Introduction
This solution provides a real-time processing and analytics capability in order to sense, analyze and connect with browsing shoppers and offering them contextually relevant shopping experiences.
Customer & Background
Our customer (retailer) required a solution to analyze high-volume shopper events in-store, correlating with and learning from data revealing past preferences in order to offer promotions and useful product information to the shopper. The retailer required this solution in real-time.
- Collect in-store shopper activity data from sensors as JSON
- Detect the shopper’s exact location
- Map merchandise in relation to shopper location
- Retrieve promotions (coupons, discounts and offers) applicable to the merchandise at shopper’s location and determine relevance to shopper
- Send promotions to Gateway then to shopper depending on relevance and other product information for consumer engagement
The system required the following in Batch Mode in order to deliver optimal shopper experience:
- Collect store-specific promotions (coupons, discounts and offers)
- Collect up-to-date store catalog data
- Index for quick access
- Collect competitive information
- Evaluate product and price information in relation to the market/competition
- Examine user profiles and preferences for promotional relevancy
- Learning of user purchase patterns and responses over time
VOLUMES
- Process thousands to millions of events per second.
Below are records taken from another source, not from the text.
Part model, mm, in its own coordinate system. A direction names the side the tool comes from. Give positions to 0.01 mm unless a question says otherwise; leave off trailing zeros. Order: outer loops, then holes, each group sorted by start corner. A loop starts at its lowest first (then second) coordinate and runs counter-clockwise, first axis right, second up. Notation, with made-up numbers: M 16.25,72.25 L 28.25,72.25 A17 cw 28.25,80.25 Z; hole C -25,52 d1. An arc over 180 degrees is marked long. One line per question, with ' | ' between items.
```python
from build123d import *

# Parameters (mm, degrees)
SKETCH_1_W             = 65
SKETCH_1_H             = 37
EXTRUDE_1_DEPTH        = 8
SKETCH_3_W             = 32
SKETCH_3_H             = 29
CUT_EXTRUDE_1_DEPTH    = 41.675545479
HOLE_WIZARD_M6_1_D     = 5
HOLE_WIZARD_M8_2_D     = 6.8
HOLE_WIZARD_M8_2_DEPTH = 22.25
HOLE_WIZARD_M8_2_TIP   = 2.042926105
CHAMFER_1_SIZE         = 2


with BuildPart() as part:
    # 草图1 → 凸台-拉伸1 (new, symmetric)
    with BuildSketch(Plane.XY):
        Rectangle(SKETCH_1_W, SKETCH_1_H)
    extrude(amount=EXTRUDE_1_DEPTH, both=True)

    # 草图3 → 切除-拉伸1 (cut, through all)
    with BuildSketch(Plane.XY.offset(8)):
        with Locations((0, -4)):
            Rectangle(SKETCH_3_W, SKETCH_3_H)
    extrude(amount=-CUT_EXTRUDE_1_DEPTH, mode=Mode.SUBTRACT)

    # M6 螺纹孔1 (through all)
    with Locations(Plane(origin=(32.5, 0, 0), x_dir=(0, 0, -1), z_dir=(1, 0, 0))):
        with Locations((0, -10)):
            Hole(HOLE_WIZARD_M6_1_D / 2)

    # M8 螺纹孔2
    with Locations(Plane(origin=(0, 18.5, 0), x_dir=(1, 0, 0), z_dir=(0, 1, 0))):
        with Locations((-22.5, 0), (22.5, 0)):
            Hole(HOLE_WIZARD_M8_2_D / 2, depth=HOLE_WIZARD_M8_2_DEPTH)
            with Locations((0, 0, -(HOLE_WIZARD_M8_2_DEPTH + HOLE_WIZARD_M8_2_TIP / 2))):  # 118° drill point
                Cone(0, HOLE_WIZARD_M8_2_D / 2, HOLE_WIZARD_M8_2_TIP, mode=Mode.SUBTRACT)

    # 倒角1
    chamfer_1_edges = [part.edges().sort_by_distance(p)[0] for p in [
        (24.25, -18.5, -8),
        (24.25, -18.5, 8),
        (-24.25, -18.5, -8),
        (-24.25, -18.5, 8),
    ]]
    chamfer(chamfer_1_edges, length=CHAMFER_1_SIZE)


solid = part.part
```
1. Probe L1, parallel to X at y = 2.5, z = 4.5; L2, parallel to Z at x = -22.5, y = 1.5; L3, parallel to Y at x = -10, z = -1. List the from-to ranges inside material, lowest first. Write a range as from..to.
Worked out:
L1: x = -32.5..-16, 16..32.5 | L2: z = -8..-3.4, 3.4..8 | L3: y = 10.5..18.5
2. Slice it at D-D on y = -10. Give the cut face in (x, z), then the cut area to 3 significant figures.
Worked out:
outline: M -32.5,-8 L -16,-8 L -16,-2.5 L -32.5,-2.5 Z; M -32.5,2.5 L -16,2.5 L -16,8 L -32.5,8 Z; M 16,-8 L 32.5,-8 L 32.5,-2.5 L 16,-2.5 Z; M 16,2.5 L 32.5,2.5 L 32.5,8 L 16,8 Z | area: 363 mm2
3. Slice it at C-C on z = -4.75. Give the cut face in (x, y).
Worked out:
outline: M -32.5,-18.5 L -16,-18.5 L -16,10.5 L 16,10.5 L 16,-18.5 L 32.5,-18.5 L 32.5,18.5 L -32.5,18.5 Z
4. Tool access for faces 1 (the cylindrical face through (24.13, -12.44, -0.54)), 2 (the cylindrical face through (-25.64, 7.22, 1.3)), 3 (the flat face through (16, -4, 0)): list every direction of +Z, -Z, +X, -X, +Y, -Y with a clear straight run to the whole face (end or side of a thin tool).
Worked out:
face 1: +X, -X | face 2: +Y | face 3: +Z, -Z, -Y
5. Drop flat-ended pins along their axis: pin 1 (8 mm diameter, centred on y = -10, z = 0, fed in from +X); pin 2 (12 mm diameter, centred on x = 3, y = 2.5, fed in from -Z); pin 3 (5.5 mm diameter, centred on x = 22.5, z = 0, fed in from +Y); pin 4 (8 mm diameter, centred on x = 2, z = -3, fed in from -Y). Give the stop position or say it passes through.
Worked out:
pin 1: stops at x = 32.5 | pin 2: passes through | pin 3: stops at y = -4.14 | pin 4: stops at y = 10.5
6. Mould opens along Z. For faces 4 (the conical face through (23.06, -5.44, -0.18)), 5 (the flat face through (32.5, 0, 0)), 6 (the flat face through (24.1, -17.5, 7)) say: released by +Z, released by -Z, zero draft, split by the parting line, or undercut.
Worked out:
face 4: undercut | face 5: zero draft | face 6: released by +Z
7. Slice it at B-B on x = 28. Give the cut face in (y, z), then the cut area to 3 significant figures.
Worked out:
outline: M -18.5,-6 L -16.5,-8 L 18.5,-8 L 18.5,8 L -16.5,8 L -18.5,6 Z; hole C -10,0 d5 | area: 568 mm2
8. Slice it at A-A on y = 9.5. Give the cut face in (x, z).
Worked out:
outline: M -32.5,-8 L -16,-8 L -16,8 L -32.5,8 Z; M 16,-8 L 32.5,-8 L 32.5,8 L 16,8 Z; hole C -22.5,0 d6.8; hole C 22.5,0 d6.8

Compute relevancy using predictive models over terabytes of data.
SOLUTION OVERVIEW
Here is a list of capabilities delivered throughout the project:
- Ingestion: Achieve high-volume write speeds
- Persistence: Persist data to structured (real-time and non-real-time) and semi-structured data stores
- Collect competitive external data: Crawling internet for data on price, product availability and other special offers
- Enrichment: Adding UPC codes to products
- Cleansing: Cleaning data by de-duping, outlier detection, inconsistency removal, missing value treatment etc.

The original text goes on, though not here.